野球くじの問題を巡って、私は野球くじを容認する方向を打ち出したコミッショナー側と、野球賭博を起こした球団や、選手会は「違う立場だ」と説明した。「全部、同じ野球界じゃないか」」という意見を言う人は、何と頭が悪いんだ、と思っていた。そのことについて、少し修正する必要を感じた。
「野球」と「サッカー」を「キャピュレット家」と「モンタギュー家」みたいに対立する間柄だと思うのは、愚かな考え方だ。そのことはもう一度強調したい。
しかし「野球くじには、野球界全体が賛成しているんじゃないか」とサッカーファンが思うのは、無理もない一面がある。

サッカー界ではDAZNの加入にしても、いろいろなビジネス展開にしても、それが発表されれば、それは「サッカー界全体の意志」である。
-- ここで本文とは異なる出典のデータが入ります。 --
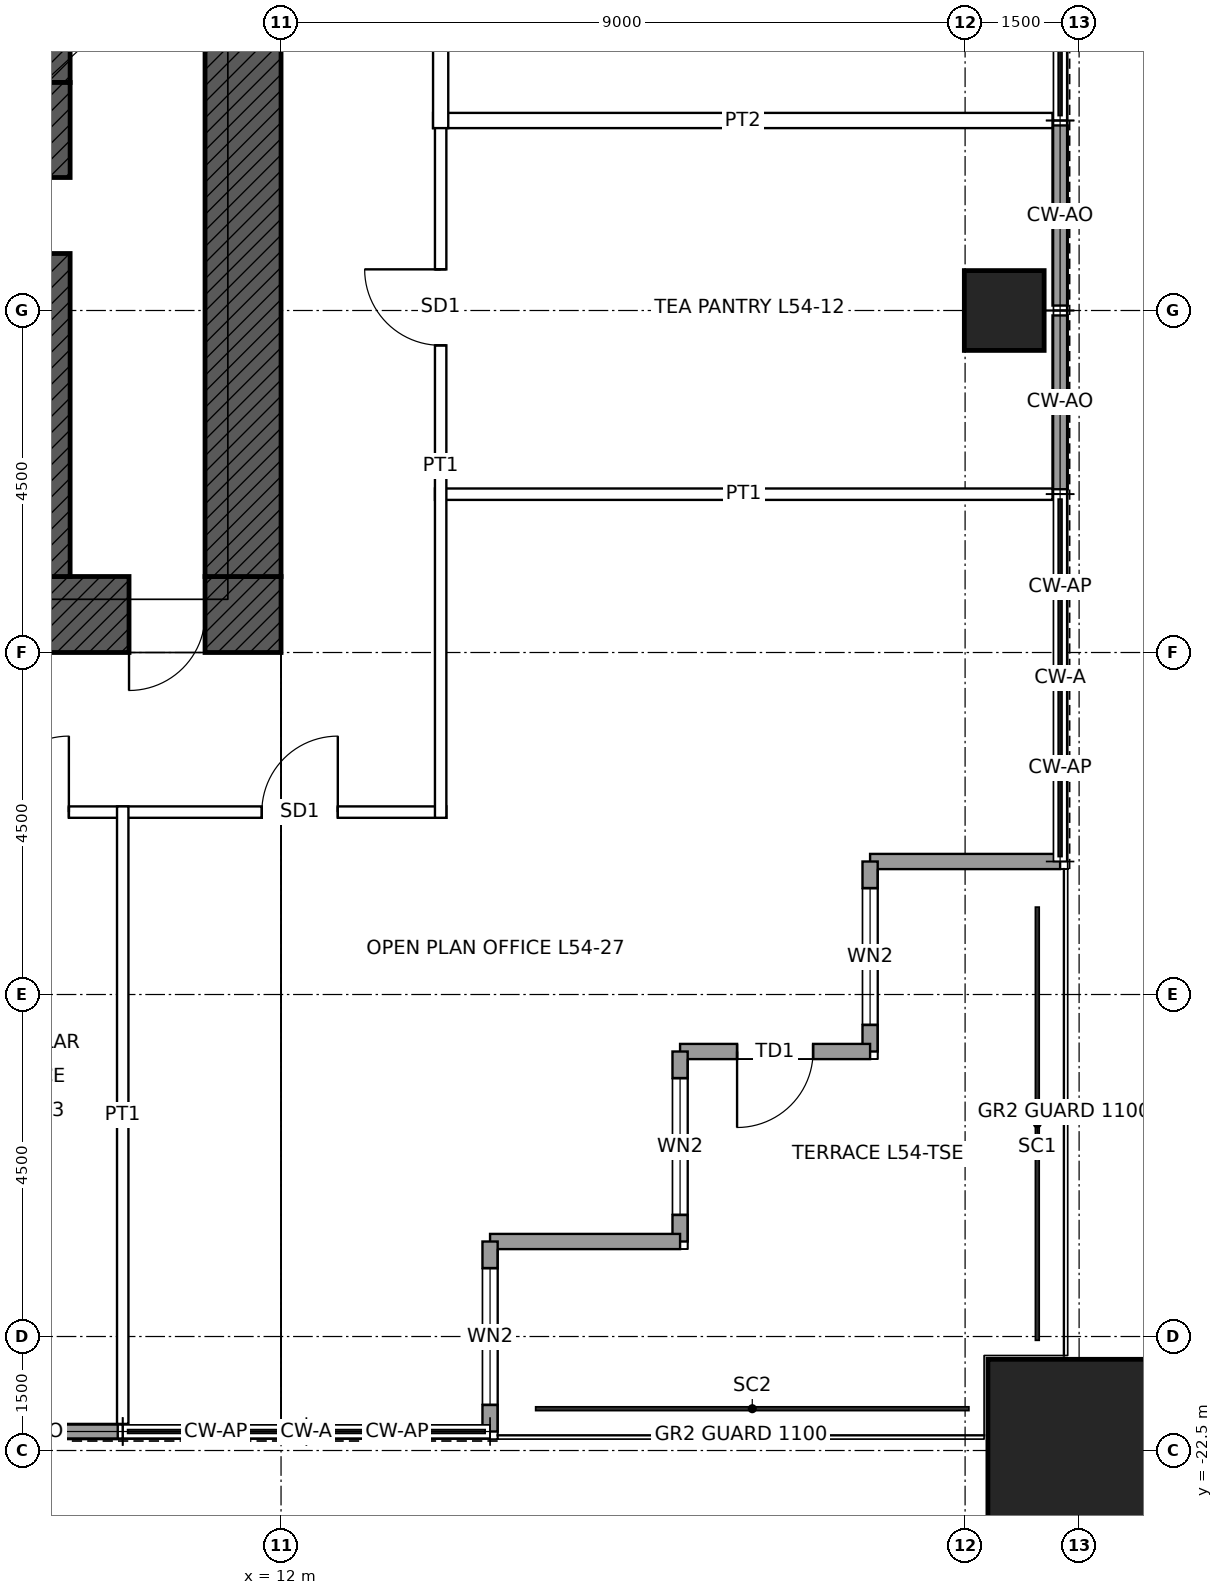
"""IFC4 building model, lengths in metres.
Left out: names, types, materials, properties, quantities, classifications, styles, units other than length and angle.
Written with IfcOpenShell. Run it as: python <this file> out.ifc"""

import sys

from ifc_helpers import new_model, si_unit, direction, frame, frame_2d, origin, origin_2d, place, context, subcontext, project, spatial, rectangle, hollow_rectangle, extrude, element, fill, save


model = new_model("IFC4")
c1 = context("Model", 3, precision=1e-05, world=origin(), true_north=direction((0.0, 1.0)))
c2 = subcontext(c1, "Body", "Model", "MODEL_VIEW")
j1 = project(units=[si_unit("LENGTHUNIT", "METRE"), si_unit("PLANEANGLEUNIT", "RADIAN")], contexts=[c1])
p1 = place(None, origin())
s1 = spatial("IfcSite", under=j1, at=p1, CompositionType="ELEMENT")
p2 = place(p1, origin())
s2 = spatial("IfcBuilding", under=s1, at=p2, CompositionType="ELEMENT")
p3 = place(p2, frame((0.0, 0.0, 249.9)))
s3 = spatial("IfcBuildingStorey", under=s2, at=p3, CompositionType="ELEMENT", Elevation=249.9)
p4 = place(p3, frame((22.5, -22.5, 0.0), z_axis=(0.0, 0.0, 1.0), x_axis=(1.0, 0.0, 0.0)))
e1 = element("IfcColumn", 1, at=p4, inside=s3, PredefinedType="COLUMN", context=c2, shape_type="SweptSolid", body=[
    extrude(hollow_rectangle(XDim=2.4, YDim=2.4, WallThickness=0.12, at=origin_2d()), origin(), (0.0, 0.0, 1.0), 4.0),
])
p5 = place(p3, frame((21.515, -7.5, 0.0), z_axis=(0.0, 0.0, 1.0), x_axis=(1.0, 0.0, 0.0)))
e2 = element("IfcColumn", 2, at=p5, inside=s3, PredefinedType="COLUMN", context=c2, shape_type="SweptSolid", body=[
    extrude(hollow_rectangle(XDim=1.05, YDim=1.05, WallThickness=0.07, at=origin_2d()), origin(), (0.0, 0.0, 1.0), 4.0),
])
p6 = place(p3, frame((12.0, -11.5, 0.0), z_axis=(0.0, 0.0, 1.0), x_axis=(-1.0, 0.0, 0.0)))
e3 = element("IfcWall", 3, at=p6, inside=s3, PredefinedType="SHEAR", context=c2, shape_type="SweptSolid", body=[
    extrude(rectangle(XDim=24.0, YDim=1.0, at=frame_2d((12.0, 0.0))), origin(), (0.0, 0.0, 1.0), 4.0),
])
p7 = place(p6, frame((11.5, 0.0, 0.0)))
e4 = element("IfcOpeningElement", 4, at=p7, cuts=e3, PredefinedType="OPENING", context=c2, shape_type="SweptSolid", body=[
    extrude(rectangle(XDim=1.0, YDim=2.1, at=frame_2d((0.5, 1.05))), frame((0.0, 0.51, 0.0), z_axis=(0.0, -1.0, 0.0), x_axis=(1.0, 0.0, 0.0)), (0.0, 0.0, 1.0), 1.02),
])
p8 = place(p6, frame((1.0, 0.0, 0.0)))
e5 = element("IfcOpeningElement", 5, at=p8, cuts=e3, PredefinedType="OPENING", context=c2, shape_type="SweptSolid", body=[
    extrude(rectangle(XDim=1.0, YDim=2.4, at=frame_2d((0.5, 1.2))), frame((0.0, 0.51, 0.0), z_axis=(0.0, -1.0, 0.0), x_axis=(1.0, 0.0, 0.0)), (0.0, 0.0, 1.0), 1.02),
])
p9 = place(p3, frame((11.5, 11.0, 0.0), z_axis=(0.0, 0.0, 1.0), x_axis=(0.0, -1.0, 0.0)))
e6 = element("IfcWall", 6, at=p9, inside=s3, PredefinedType="SHEAR", context=c2, shape_type="SweptSolid", body=[
    extrude(rectangle(XDim=22.0, YDim=1.0, at=frame_2d((11.0, 0.0))), origin(), (0.0, 0.0, 1.0), 4.0),
])
p10 = place(p9, frame((10.5, 0.0, 0.0)))
e7 = element("IfcOpeningElement", 7, at=p10, cuts=e6, PredefinedType="OPENING", context=c2, shape_type="SweptSolid", body=[
    extrude(rectangle(XDim=1.0, YDim=2.4, at=frame_2d((0.5, 1.2))), frame((0.0, 0.51, 0.0), z_axis=(0.0, -1.0, 0.0), x_axis=(1.0, 0.0, 0.0)), (0.0, 0.0, 1.0), 1.02),
])
p11 = place(p3, frame((-9.0, -4.5, 0.0), z_axis=(0.0, 0.0, 1.0), x_axis=(1.0, 0.0, 0.0)))
e8 = element("IfcWall", 8, at=p11, inside=s3, PredefinedType="SHEAR", context=c2, shape_type="SweptSolid", body=[
    extrude(rectangle(XDim=18.0, YDim=0.45, at=frame_2d((9.0, 0.0))), origin(), (0.0, 0.0, 1.0), 4.0),
])
p12 = place(p3, frame((9.0, -4.5, 0.0), z_axis=(0.0, 0.0, 1.0), x_axis=(0.0, 1.0, 0.0)))
e9 = element("IfcWall", 9, at=p12, inside=s3, PredefinedType="SHEAR", context=c2, shape_type="SweptSolid", body=[
    extrude(rectangle(XDim=3.0, YDim=0.45, at=frame_2d((1.5, 0.0))), origin(), (0.0, 0.0, 1.0), 4.0),
])
p13 = place(p3, frame((9.0, -11.0, 0.0), z_axis=(0.0, 0.0, 1.0), x_axis=(0.0, 1.0, 0.0)))
e10 = element("IfcWall", 10, at=p13, inside=s3, PredefinedType="SHEAR", context=c2, shape_type="SweptSolid", body=[
    extrude(rectangle(XDim=6.5, YDim=0.45, at=frame_2d((3.25, 0.0))), origin(), (0.0, 0.0, 1.0), 4.0),
])
p14 = place(p13, frame((4.25, 0.0, 0.0)))
e11 = element("IfcOpeningElement", 11, at=p14, cuts=e10, PredefinedType="OPENING", context=c2, shape_type="SweptSolid", body=[
    extrude(rectangle(XDim=1.0, YDim=2.1, at=frame_2d((0.5, 1.05))), frame((0.0, 0.235, 0.0), z_axis=(0.0, -1.0, 0.0), x_axis=(1.0, 0.0, 0.0)), (0.0, 0.0, 1.0), 0.47),
])
p15 = place(p3, frame((22.25, -14.75, 0.0), z_axis=(0.0, 0.0, 1.0), x_axis=(-1.0, 0.0, 0.0)))
e12 = element("IfcWall", 12, at=p15, inside=s3, PredefinedType="SOLIDWALL", context=c2, shape_type="SweptSolid", body=[
    extrude(rectangle(XDim=2.5, YDim=0.2, at=frame_2d((1.25, 0.0))), origin(), (0.0, 0.0, 1.0), 3.75),
])
p16 = place(p3, frame((19.75, -14.75, 0.0), z_axis=(0.0, 0.0, 1.0), x_axis=(0.0, -1.0, 0.0)))
e13 = element("IfcWall", 13, at=p16, inside=s3, PredefinedType="SOLIDWALL", context=c2, shape_type="SweptSolid", body=[
    extrude(rectangle(XDim=2.5, YDim=0.2, at=frame_2d((1.25, 0.0))), origin(), (0.0, 0.0, 1.0), 3.75),
])
p17 = place(p16, frame((0.35, 0.0, 0.3)))
e14 = element("IfcOpeningElement", 14, at=p17, cuts=e13, PredefinedType="OPENING", context=c2, shape_type="SweptSolid", body=[
    extrude(rectangle(XDim=1.8, YDim=2.4, at=frame_2d((0.9, 1.2))), frame((0.0, 0.11, 0.0), z_axis=(0.0, -1.0, 0.0), x_axis=(1.0, 0.0, 0.0)), (0.0, 0.0, 1.0), 0.22),
])
p18 = place(p3, frame((19.75, -17.25, 0.0), z_axis=(0.0, 0.0, 1.0), x_axis=(-1.0, 0.0, 0.0)))
e15 = element("IfcWall", 15, at=p18, inside=s3, PredefinedType="SOLIDWALL", context=c2, shape_type="SweptSolid", body=[
    extrude(rectangle(XDim=2.5, YDim=0.2, at=frame_2d((1.25, 0.0))), origin(), (0.0, 0.0, 1.0), 3.75),
])
p19 = place(p18, frame((0.75, 0.0, 0.0)))
e16 = element("IfcOpeningElement", 16, at=p19, cuts=e15, PredefinedType="OPENING", context=c2, shape_type="SweptSolid", body=[
    extrude(rectangle(XDim=1.0, YDim=2.4, at=frame_2d((0.5, 1.2))), frame((0.0, 0.11, 0.0), z_axis=(0.0, -1.0, 0.0), x_axis=(1.0, 0.0, 0.0)), (0.0, 0.0, 1.0), 0.22),
])
p20 = place(p3, frame((17.25, -17.25, 0.0), z_axis=(0.0, 0.0, 1.0), x_axis=(0.0, -1.0, 0.0)))
e17 = element("IfcWall", 17, at=p20, inside=s3, PredefinedType="SOLIDWALL", context=c2, shape_type="SweptSolid", body=[
    extrude(rectangle(XDim=2.5, YDim=0.2, at=frame_2d((1.25, 0.0))), origin(), (0.0, 0.0, 1.0), 3.75),
])
p21 = place(p20, frame((0.35, 0.0, 0.3)))
e18 = element("IfcOpeningElement", 18, at=p21, cuts=e17, PredefinedType="OPENING", context=c2, shape_type="SweptSolid", body=[
    extrude(rectangle(XDim=1.8, YDim=2.4, at=frame_2d((0.9, 1.2))), frame((0.0, 0.11, 0.0), z_axis=(0.0, -1.0, 0.0), x_axis=(1.0, 0.0, 0.0)), (0.0, 0.0, 1.0), 0.22),
])
p22 = place(p3, frame((17.25, -19.75, 0.0), z_axis=(0.0, 0.0, 1.0), x_axis=(-1.0, 0.0, 0.0)))
e19 = element("IfcWall", 19, at=p22, inside=s3, PredefinedType="SOLIDWALL", context=c2, shape_type="SweptSolid", body=[
    extrude(rectangle(XDim=2.5, YDim=0.2, at=frame_2d((1.25, 0.0))), origin(), (0.0, 0.0, 1.0), 3.75),
])
p23 = place(p3, frame((14.75, -19.75, 0.0), z_axis=(0.0, 0.0, 1.0), x_axis=(0.0, -1.0, 0.0)))
e20 = element("IfcWall", 20, at=p23, inside=s3, PredefinedType="SOLIDWALL", context=c2, shape_type="SweptSolid", body=[
    extrude(rectangle(XDim=2.5, YDim=0.2, at=frame_2d((1.25, 0.0))), origin(), (0.0, 0.0, 1.0), 3.75),
])
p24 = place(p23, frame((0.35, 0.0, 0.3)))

DAZNとの契約はJリーグだが、それについてはJFAや学生サッカー界も承知している。各クラブのオーナーも承認し、それを歓迎している。
つまり、サッカー界は一枚岩であり、その意志は原則として「サッカー界全体の総意」なのだ。
昔のサッカー界はそうではなくて、様々な意向が錯綜していたが、Jリーグの発足後、一本にまとめられたのだ。これはすごいことだ。他のスポーツ界を見ても、そうなっているところはほとんどない。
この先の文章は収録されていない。